Supported by The National Cheng-Kung University Hospital, No. NCKUH-102-01003.

Institutional review board statement: The experiment was approved by the ethical committee of the animal center of National Cheng Kung University (IACUC approval No. 102046).

Institutional animal care and use committee statement: The experiment was approved by the ethical committee of the animal center of National Cheng Kung University (IACUC approval No. 102046).

Conflict-of-interest statement: No potential conflicts of interest relevant to this article were reported.

Data sharing statement: No additional data are available.
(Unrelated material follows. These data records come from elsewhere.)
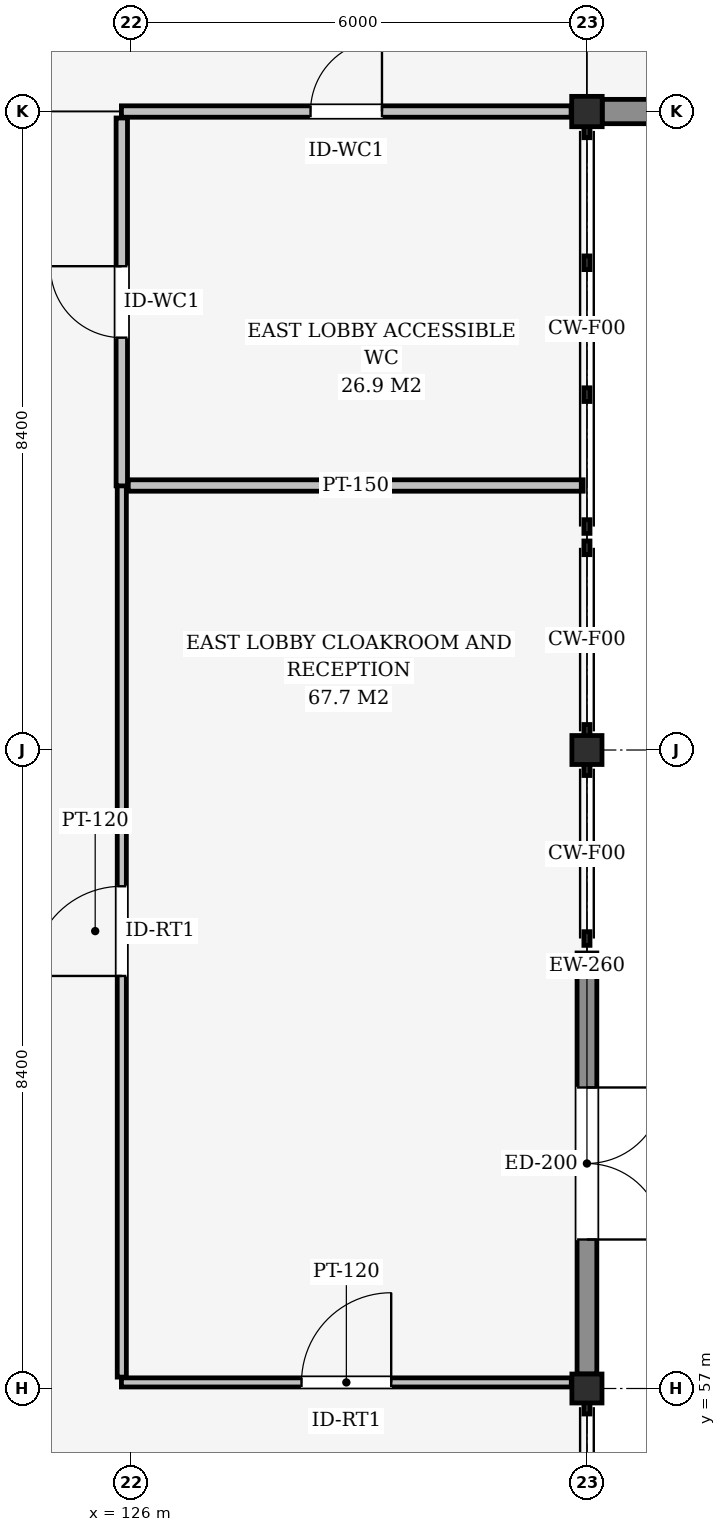
"""IFC4 building model, lengths in metres.
Left out: names, types, materials, properties, quantities, classifications, styles, units other than length and angle.
Written with IfcOpenShell. Run it as: python <this file> out.ifc"""

import sys

from ifc_helpers import new_model, si_unit, direction, frame, frame_2d, origin, origin_2d, place, context, subcontext, project, spatial, rectangle, i_section, extrude, element, fill, save


model = new_model("IFC4")
c1 = context("Model", 3, precision=1e-05, world=origin(), true_north=direction((0.0, 1.0)))
c2 = subcontext(c1, "Body", "Model", "MODEL_VIEW")
j1 = project(units=[si_unit("LENGTHUNIT", "METRE"), si_unit("PLANEANGLEUNIT", "RADIAN")], contexts=[c1])
p1 = place(None, origin())
s1 = spatial("IfcSite", under=j1, at=p1, CompositionType="ELEMENT")
p2 = place(p1, origin())
s2 = spatial("IfcBuilding", under=s1, at=p2, CompositionType="ELEMENT")
p3 = place(p2, origin())
s3 = spatial("IfcBuildingStorey", under=s2, at=p3, CompositionType="ELEMENT", Elevation=0.0)
p4 = place(p3, frame((132.0, 73.8, 0.0), z_axis=(0.0, 0.0, 1.0), x_axis=(1.0, 0.0, 0.0)))
e1 = element("IfcColumn", 1, at=p4, inside=s3, PredefinedType="COLUMN", context=c2, shape_type="SweptSolid", body=[
    extrude(i_section(OverallWidth=0.401, OverallDepth=0.399, WebThickness=0.025, FlangeThickness=0.04, at=origin_2d()), origin(), (0.0, 0.0, 1.0), 4.8),
])
for number, where, z_axis, x_axis in (
    (2, (132.0, 57.0, 0.0), (0.0, 0.0, 1.0), (1.0, 0.0, 0.0)),
    (3, (132.0, 65.4, 0.0), (0.0, 0.0, 1.0), (1.0, 0.0, 0.0)),
):
    element("IfcColumn", number, at=place(p3, frame(where, z_axis=z_axis, x_axis=x_axis)), inside=s3, PredefinedType="COLUMN", context=c2, shape_type="SweptSolid", body=[
        extrude(i_section(OverallWidth=0.396, OverallDepth=0.381, WebThickness=0.019, FlangeThickness=0.03, at=origin_2d()), origin(), (0.0, 0.0, 1.0), 4.8),
    ])
p5 = place(p3, frame((143.575, 73.8, 0.0), z_axis=(0.0, 0.0, 1.0), x_axis=(-1.0, 0.0, 0.0)))
e4 = element("IfcWall", 4, at=p5, inside=s3, PredefinedType="SOLIDWALL", context=c2, shape_type="SweptSolid", body=[
    extrude(rectangle(XDim=11.375, YDim=0.32, at=frame_2d((5.687, 0.0))), origin(), (0.0, 0.0, 1.0), 3.978),
])
p6 = place(p5, frame((4.687, 0.0, 0.0)))
e5 = element("IfcOpeningElement", 5, at=p6, cuts=e4, PredefinedType="OPENING", context=c2, shape_type="SweptSolid", body=[
    extrude(rectangle(XDim=2.0, YDim=2.4, at=frame_2d((1.0, 1.2))), frame((0.0, 0.17, 0.0), z_axis=(0.0, -1.0, 0.0), x_axis=(1.0, 0.0, 0.0)), (0.0, 0.0, 1.0), 0.34),
])
p7 = place(p3, frame((132.0, 62.73, 0.0), z_axis=(0.0, 0.0, 1.0), x_axis=(0.0, -1.0, 0.0)))
e6 = element("IfcWall", 6, at=p7, inside=s3, PredefinedType="SOLIDWALL", context=c2, shape_type="SweptSolid", body=[
    extrude(rectangle(XDim=5.54, YDim=0.26, at=frame_2d((2.77, 0.0))), origin(), (0.0, 0.0, 1.0), 3.828),
])
p8 = place(p7, frame((1.77, 0.0, 0.0)))
e7 = element("IfcOpeningElement", 7, at=p8, cuts=e6, PredefinedType="OPENING", context=c2, shape_type="SweptSolid", body=[
    extrude(rectangle(XDim=2.0, YDim=2.4, at=frame_2d((1.0, 1.2))), frame((0.0, 0.14, 0.0), z_axis=(0.0, -1.0, 0.0), x_axis=(1.0, 0.0, 0.0)), (0.0, 0.0, 1.0), 0.28),
])
p9 = place(p3, frame((125.875, 73.8, 0.0), z_axis=(0.0, 0.0, 1.0), x_axis=(1.0, 0.0, 0.0)))
e8 = element("IfcWall", 8, at=p9, inside=s3, PredefinedType="PARTITIONING", context=c2, shape_type="SweptSolid", body=[
    extrude(rectangle(XDim=5.917, YDim=0.15, at=frame_2d((2.958, 0.0))), origin(), (0.0, 0.0, 1.0), 3.67),
])
p10 = place(p9, frame((2.488, 0.0, 0.0)))
e9 = element("IfcOpeningElement", 9, at=p10, cuts=e8, PredefinedType="OPENING", context=c2, shape_type="SweptSolid", body=[
    extrude(rectangle(XDim=0.94, YDim=2.1, at=frame_2d((0.47, 1.05))), frame((0.0, 0.085, 0.0), z_axis=(0.0, -1.0, 0.0), x_axis=(1.0, 0.0, 0.0)), (0.0, 0.0, 1.0), 0.17),
])
p11 = place(p3, frame((125.875, 57.08, 0.0), z_axis=(0.0, 0.0, 1.0), x_axis=(1.0, 0.0, 0.0)))
e10 = element("IfcWall", 10, at=p11, inside=s3, PredefinedType="PARTITIONING", context=c2, shape_type="SweptSolid", body=[
    extrude(rectangle(XDim=5.919, YDim=0.12, at=frame_2d((2.959, 0.0))), origin(), (0.0, 0.0, 1.0), 3.837),
])
p12 = place(p11, frame((2.369, 0.0, 0.0)))
e11 = element("IfcOpeningElement", 11, at=p12, cuts=e10, PredefinedType="OPENING", context=c2, shape_type="SweptSolid", body=[
    extrude(rectangle(XDim=1.18, YDim=2.2, at=frame_2d((0.59, 1.1))), frame((0.0, 0.07, 0.0), z_axis=(0.0, -1.0, 0.0), x_axis=(1.0, 0.0, 0.0)), (0.0, 0.0, 1.0), 0.14),
])
p13 = place(p3, frame((125.88, 57.15, 0.0), z_axis=(0.0, 0.0, 1.0), x_axis=(0.0, 1.0, 0.0)))
e12 = element("IfcWall", 12, at=p13, inside=s3, PredefinedType="PARTITIONING", context=c2, shape_type="SweptSolid", body=[
    extrude(rectangle(XDim=11.735, YDim=0.12, at=frame_2d((5.868, 0.0))), origin(), (0.0, 0.0, 1.0), 4.075),
])
p14 = place(p13, frame((5.278, 0.0, 0.0)))
e13 = element("IfcOpeningElement", 13, at=p14, cuts=e12, PredefinedType="OPENING", context=c2, shape_type="SweptSolid", body=[
    extrude(rectangle(XDim=1.18, YDim=2.2, at=frame_2d((0.59, 1.1))), frame((0.0, 0.07, 0.0), z_axis=(0.0, -1.0, 0.0), x_axis=(1.0, 0.0, 0.0)), (0.0, 0.0, 1.0), 0.14),
])
p15 = place(p3, frame((125.88, 68.875, 0.0), z_axis=(0.0, 0.0, 1.0), x_axis=(0.0, 1.0, 0.0)))
e14 = element("IfcWall", 14, at=p15, inside=s3, PredefinedType="PARTITIONING", context=c2, shape_type="SweptSolid", body=[
    extrude(rectangle(XDim=4.84, YDim=0.15, at=frame_2d((2.42, 0.0))), origin(), (0.0, 0.0, 1.0), 4.075),
])
p16 = place(p15, frame((1.95, 0.0, 0.0)))
e15 = element("IfcOpeningElement", 15, at=p16, cuts=e14, PredefinedType="OPENING", context=c2, shape_type="SweptSolid", body=[
    extrude(rectangle(XDim=0.94, YDim=2.1, at=frame_2d((0.47, 1.05))), frame((0.0, 0.085, 0.0), z_axis=(0.0, -1.0, 0.0), x_axis=(1.0, 0.0, 0.0)), (0.0, 0.0, 1.0), 0.17),
])
p17 = place(p3, frame((125.965, 68.88, 0.0), z_axis=(0.0, 0.0, 1.0), x_axis=(1.0, 0.0, 0.0)))
e16 = element("IfcWall", 16, at=p17, inside=s3, PredefinedType="PARTITIONING", context=c2, shape_type="SweptSolid", body=[
    extrude(rectangle(XDim=5.985, YDim=0.15, at=frame_2d((2.992, 0.0))), origin(), (0.0, 0.0, 1.0), 4.53),
])
p18 = place(p8, origin())
e17 = element("IfcDoor", 17, at=p18, inside=s3, OperationType="DOUBLE_DOOR_SINGLE_SWING", PredefinedType="DOOR", context=c2, shape_type="SweptSolid", body=[
    extrude(rectangle(XDim=2.0, YDim=2.4, at=frame_2d((1.0, 1.2))), frame((0.0, 0.025, 0.0), z_axis=(0.0, -1.0, 0.0), x_axis=(1.0, 0.0, 0.0)), (0.0, 0.0, 1.0), 0.05),
])
fill(e7, e17)
p19 = place(p10, origin())
e18 = element("IfcDoor", 18, at=p19, inside=s3, OperationType="SINGLE_SWING_RIGHT", PredefinedType="DOOR", context=c2, shape_type="SweptSolid", body=[
    extrude(rectangle(XDim=0.94, YDim=2.1, at=frame_2d((0.47, 1.05))), frame((0.0, 0.025, 0.0), z_axis=(0.0, -1.0, 0.0), x_axis=(1.0, 0.0, 0.0)), (0.0, 0.0, 1.0), 0.05),
])
fill(e9, e18)
p20 = place(p12, origin())
e19 = element("IfcDoor", 19, at=p20, inside=s3, OperationType="SINGLE_SWING_RIGHT", PredefinedType="DOOR", context=c2, shape_type="SweptSolid", body=[
    extrude(rectangle(XDim=1.18, YDim=2.2, at=frame_2d((0.59, 1.1))), frame((0.0, 0.025, 0.0), z_axis=(0.0, -1.0, 0.0), x_axis=(1.0, 0.0, 0.0)), (0.0, 0.0, 1.0), 0.05),
])
fill(e11, e19)
p21 = place(p14, origin())
e20 = element("IfcDoor", 20, at=p21, inside=s3, OperationType="SINGLE_SWING_LEFT", PredefinedType="DOOR", context=c2, shape_type="SweptSolid", body=[
    extrude(rectangle(XDim=1.18, YDim=2.2, at=frame_2d((0.59, 1.1))), frame((0.0, 0.025, 0.0), z_axis=(0.0, -1.0, 0.0), x_axis=(1.0, 0.0, 0.0)), (0.0, 0.0, 1.0), 0.05),
])
fill(e13, e20)
p22 = place(p16, origin())
e21 = element("IfcDoor", 21, at=p22, inside=s3, OperationType="SINGLE_SWING_RIGHT", PredefinedType="DOOR", context=c2, shape_type="SweptSolid", body=[
    extrude(rectangle(XDim=0.94, YDim=2.1, at=frame_2d((0.47, 1.05))), frame((0.0, 0.025, 0.0), z_axis=(0.0, -1.0, 0.0), x_axis=(1.0, 0.0, 0.0)), (0.0, 0.0, 1.0), 0.05),
])
fill(e15, e21)
save(model, sys.argv[1])

Open-Access: This article is an open-access article which was selected by an in-house editor and fully peer-reviewed by external reviewers. It is distributed in accordance with the Creative Commons Attribution Non Commercial (CC BY-NC 4.0) license, which permits others to distribute, remix, adapt, build upon this work non-commercially, and license their derivative works on different terms, provided the original work is properly cited and the use is non-commercial. See: http://creativecommons.org/licenses/by-nc/4.0/

Correspondence to: Chiung-Yu Chen, Medicinae Doctor, Department of Internal Medicine, College of Medicine, National Cheng Kung University, #138 Sheng-Li Road, Tainan 704, Taiwan. chiungyu@mail.ncku.edu.tw

Telephone: +886-6-2353535-2689 Fax: +886-6-2347270

Received: May 3, 2015
Peer-review started: May 3, 2015
First decision: June 18, 2015
Revised: July 7, 2015
Accepted: July 29, 2015
Article in press: August 3, 2015
Published online: August 28, 2015
Processing time: 123 Days and 4.6 Hours

Abstract

AIM: To develop a new type of calibrated, biodegradable, and imaging detectable microsphere and evaluated its embolization safety and efficacy on pig’s liver and spleen.

METHODS: Six kinds of pharmaceutical excipient were combined and atomized to form our microsphere. Twenty-four male Lanyu pigs weighing 25-30 kg were used. The arteries of spleen and liver were embolized with Gelfoam, Embosphere, or our microsphere. The serum biochemical tests, computed tomography (CT), liver perfusion scan, and tissue microscopy examination were done to evaluate the safety and efficacy of embolization.

RESULTS: Radiopaque microspheres with a size ranging from 300 to 400 μm were produced. Embolization of hepatic and splenic artery of pigs with our microsphere significantly reduced the blood flow of liver and resulted in splenic infarction. The follow-up CT imaging and the microscopic examination showed intraarterial degradation of Gelfoam and microsphere. The blood tests demonstrated insignificant changes with regards to liver and renal functions.

CONCLUSION: Our microspheres, with the unique characteristics, can be used for transcatheter arterial embolization with effects equivalent to or better than Gelfoam and Embosphere in pigs.

Keywords: Atomization; Pharmaceutical excipient; Microsphere; Arterial embolization

Core tip: Transcatheter arterial embolization (TAE) is the treatment of choice for intermediate stage hepatocellular carcinoma. Various embolization materials have been designed for this purpose. By using atomization technique and a mixture of pharmaceutical excipient, we developed a new type of calibrated, biodegradable, and imaging detectable microsphere. We proved that our microspheres, with the unique characteristics, can be used for TAE with effects equivalent to or better than Gelfoam and Embosphere in pigs.